Partager via


Implementing a Protocol Handler for WDS

Creating a protocol handler involves implementing ISearchProtocol to manage UrlAccessor objects, IUrlAccessor to generate metadata about and to identify appropriate filters for items in the data store, IProtocolHandlerSite to instantiate a SearchProtocol object and identify appropriate filters, and IFilter to filter proprietary files or to enumerate and filter hierarchically stored files. The protocol handler must be multi-threaded.

This sections contains the following topics:

  • Note on URLs
  • Protocol Handler Interfaces
  • IFilters for Containers
  • Adding Protocol Handler Options Functionality
  • Related Topics

Note on URLs

Microsoft Windows Desktop Search (WDS) uses URLs to uniquely identify items in a file system, inside a database-like store, or on the Web. A URL that defines an entry node is called a start page; WDS begins at that start page and recursively crawls the data store. The typical URL structure is:

protocol://host/path/name.extension

Note  

When you want to add a new data store, you'll need to select a name to identify it that does not conflict with current ones. We recommend this naming convention: companyName.scheme.

Protocol Handler Interfaces

ISearchProtocol

The ISearchProtocol interface invokes, initializes, and manages UrlAccessor objects. For more information on implementing the ISearchProtocol interface, see ISearchProtocol Interface reference.

IUrlAccessor

For a specified URL, the IUrlAccessor interface generates metadata about the location structure as well as contained items, and it binds those items to an filter. The IUrlAccessor object is instantiated and initialized by an SearchProtocol object; however, you can also implement an internal initialization method so your IUrlAccessor object can perform initialization tasks specific to your protocol handler, such as validating the URL for an item being accessed or checking the last modified time to determine if a file must be processed in the current crawl.

Note  

Modified times for directories are ignored. The IUrlAccessor object must enumerate the child objects to determine whether there have been any modifications or deletions.

Much of the design of the UrlAccessor object is dependent on whether the structure is hierarchical or link-based. For hierarchical data stores, the UrlAccessor object must find an filter that can enumerate their contents. Another distinction between hierarchical and link-based protocol handlers is the use of the IsDirectory method. In link-based protocol handlers, this method should return S_FALSE. Hierarchical protocol handlers must return S_OK for containers.

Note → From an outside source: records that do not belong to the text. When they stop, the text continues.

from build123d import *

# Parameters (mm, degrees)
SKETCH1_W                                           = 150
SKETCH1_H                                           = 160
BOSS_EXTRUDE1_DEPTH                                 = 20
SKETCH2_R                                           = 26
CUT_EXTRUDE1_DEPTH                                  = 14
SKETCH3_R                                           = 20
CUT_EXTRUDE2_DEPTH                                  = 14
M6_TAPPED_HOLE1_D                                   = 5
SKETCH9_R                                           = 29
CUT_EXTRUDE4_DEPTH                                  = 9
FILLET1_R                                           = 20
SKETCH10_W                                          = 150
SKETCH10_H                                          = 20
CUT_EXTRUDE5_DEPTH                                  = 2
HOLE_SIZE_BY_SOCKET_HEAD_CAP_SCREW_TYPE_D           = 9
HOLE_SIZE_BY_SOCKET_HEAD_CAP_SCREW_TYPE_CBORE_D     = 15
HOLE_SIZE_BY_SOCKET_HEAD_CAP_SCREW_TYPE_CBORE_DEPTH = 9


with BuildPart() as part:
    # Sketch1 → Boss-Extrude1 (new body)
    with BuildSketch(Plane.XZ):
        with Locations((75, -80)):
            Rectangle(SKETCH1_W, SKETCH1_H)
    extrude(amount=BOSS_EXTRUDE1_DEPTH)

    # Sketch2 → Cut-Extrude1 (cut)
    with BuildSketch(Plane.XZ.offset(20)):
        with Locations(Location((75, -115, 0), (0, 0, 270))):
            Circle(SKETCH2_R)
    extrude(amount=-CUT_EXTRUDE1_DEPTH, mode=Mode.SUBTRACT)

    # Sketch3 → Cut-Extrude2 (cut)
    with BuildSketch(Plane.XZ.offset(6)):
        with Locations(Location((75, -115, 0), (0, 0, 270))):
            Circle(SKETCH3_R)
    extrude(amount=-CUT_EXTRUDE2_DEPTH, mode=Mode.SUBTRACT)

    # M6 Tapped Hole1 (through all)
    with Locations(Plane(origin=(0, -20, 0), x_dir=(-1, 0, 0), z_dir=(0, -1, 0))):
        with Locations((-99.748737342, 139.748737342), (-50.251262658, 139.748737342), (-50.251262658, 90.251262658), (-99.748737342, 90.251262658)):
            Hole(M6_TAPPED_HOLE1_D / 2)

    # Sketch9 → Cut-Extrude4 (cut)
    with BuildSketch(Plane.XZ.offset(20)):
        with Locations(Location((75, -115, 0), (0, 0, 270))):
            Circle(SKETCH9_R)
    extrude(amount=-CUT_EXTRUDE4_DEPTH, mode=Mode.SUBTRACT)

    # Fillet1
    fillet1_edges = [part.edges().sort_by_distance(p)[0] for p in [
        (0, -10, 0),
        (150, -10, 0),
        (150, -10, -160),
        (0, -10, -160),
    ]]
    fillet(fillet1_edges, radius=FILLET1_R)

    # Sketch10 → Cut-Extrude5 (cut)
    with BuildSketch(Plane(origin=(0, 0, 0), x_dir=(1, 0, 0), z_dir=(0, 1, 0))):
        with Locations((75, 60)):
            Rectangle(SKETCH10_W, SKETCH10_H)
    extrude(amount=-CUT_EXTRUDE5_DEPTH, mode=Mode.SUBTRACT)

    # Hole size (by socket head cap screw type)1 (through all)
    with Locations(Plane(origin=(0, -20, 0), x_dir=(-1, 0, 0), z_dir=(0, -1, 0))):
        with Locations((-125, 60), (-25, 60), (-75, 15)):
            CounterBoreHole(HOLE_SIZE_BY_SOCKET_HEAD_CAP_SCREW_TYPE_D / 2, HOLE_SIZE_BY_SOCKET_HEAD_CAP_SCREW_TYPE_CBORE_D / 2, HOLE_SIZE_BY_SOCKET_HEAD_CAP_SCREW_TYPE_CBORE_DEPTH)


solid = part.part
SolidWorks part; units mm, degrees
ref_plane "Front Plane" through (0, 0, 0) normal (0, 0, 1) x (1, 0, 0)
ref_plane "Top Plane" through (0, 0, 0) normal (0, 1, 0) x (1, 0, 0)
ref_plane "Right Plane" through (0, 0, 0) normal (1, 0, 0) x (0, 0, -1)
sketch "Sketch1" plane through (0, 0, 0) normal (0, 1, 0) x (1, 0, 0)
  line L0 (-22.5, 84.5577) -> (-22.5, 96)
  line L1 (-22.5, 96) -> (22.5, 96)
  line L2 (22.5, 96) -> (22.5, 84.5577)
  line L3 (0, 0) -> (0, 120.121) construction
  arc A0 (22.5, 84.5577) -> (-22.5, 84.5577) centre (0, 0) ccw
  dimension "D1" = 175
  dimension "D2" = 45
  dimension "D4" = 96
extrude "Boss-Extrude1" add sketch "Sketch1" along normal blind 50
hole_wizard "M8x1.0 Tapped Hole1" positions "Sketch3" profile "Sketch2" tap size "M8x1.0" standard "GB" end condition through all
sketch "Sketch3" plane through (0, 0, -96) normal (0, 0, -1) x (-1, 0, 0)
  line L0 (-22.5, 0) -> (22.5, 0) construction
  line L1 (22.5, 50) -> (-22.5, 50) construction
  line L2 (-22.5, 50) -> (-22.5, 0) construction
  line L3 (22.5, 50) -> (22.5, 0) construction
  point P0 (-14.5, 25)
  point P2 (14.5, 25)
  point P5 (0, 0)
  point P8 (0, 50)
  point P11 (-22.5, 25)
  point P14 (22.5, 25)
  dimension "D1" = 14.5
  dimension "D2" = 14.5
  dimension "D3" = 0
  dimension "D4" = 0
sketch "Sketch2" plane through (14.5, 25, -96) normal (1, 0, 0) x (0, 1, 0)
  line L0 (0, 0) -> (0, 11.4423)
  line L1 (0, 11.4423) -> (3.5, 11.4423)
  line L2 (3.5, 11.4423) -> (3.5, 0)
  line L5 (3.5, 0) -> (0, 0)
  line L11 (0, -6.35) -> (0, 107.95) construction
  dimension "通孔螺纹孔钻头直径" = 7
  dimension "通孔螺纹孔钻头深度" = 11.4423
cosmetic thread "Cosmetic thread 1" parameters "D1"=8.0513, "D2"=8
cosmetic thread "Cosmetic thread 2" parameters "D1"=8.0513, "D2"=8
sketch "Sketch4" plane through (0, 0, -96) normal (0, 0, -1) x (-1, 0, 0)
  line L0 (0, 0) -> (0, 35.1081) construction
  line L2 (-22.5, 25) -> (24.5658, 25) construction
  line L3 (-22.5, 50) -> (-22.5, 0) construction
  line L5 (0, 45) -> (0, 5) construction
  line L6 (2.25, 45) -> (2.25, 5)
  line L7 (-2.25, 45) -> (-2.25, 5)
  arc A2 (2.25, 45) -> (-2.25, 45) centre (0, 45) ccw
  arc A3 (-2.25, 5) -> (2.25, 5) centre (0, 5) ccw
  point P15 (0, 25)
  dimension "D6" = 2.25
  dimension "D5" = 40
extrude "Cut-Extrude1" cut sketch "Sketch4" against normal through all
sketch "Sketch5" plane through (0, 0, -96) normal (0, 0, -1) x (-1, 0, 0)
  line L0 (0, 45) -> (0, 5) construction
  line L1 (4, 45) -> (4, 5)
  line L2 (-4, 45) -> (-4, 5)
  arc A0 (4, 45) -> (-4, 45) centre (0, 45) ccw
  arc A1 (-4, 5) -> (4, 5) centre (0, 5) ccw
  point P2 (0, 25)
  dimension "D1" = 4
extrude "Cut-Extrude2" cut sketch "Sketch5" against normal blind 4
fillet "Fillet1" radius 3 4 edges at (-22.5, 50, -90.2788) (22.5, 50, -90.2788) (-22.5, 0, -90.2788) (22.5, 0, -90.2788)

For further instructions on implementing an IUrlAccessor interface, see the IUrlAccessor Interface reference.

IProtocolHandlerSite

This interface is used to instantiate a SearchProtocol object and also provides the UrlAccessor object with an appropriate filter for a specified class ID (CLSID). For more information, see the IProtocolHandlerSite reference.

IFilters for Containers

If you are implementing a hierarchical protocol handler, you must implement a container IFilter component that enumerates URLs representing containers or folders. The enumeration process is a loop through the GetChunk and GetValue methods of the IFilter interface that return a list of URLs that represent each item in the container.

First, GetChunk returns a FULLPROSPEC with the property set GATHER_PROPSET and either:

  • PID_GTHR_DIRLINK, the URL to the item without the last modified time, or
  • PID_GTHR_DIRLINK_WITH_TIME, the URL along with the last modified time

The property set GUID for GATHER_PROPSET is 0B63E343-9CCC-11D0-BCDB-00805FCCCE04. The PROPSPEC Property is either PID_GTHR_DIRLINK=2 or PID_GTHR_DIRLINK_WITH_TIME = 12 decimal.

Returning PID_GTHR_DIRLINK_WITH_TIME is more efficient because the indexer can immediately determine whether the item needs to be indexed without calling the ISearchProtocol->CreateUrlAccessor() and IUrlAccessor->GetLastModified() methods.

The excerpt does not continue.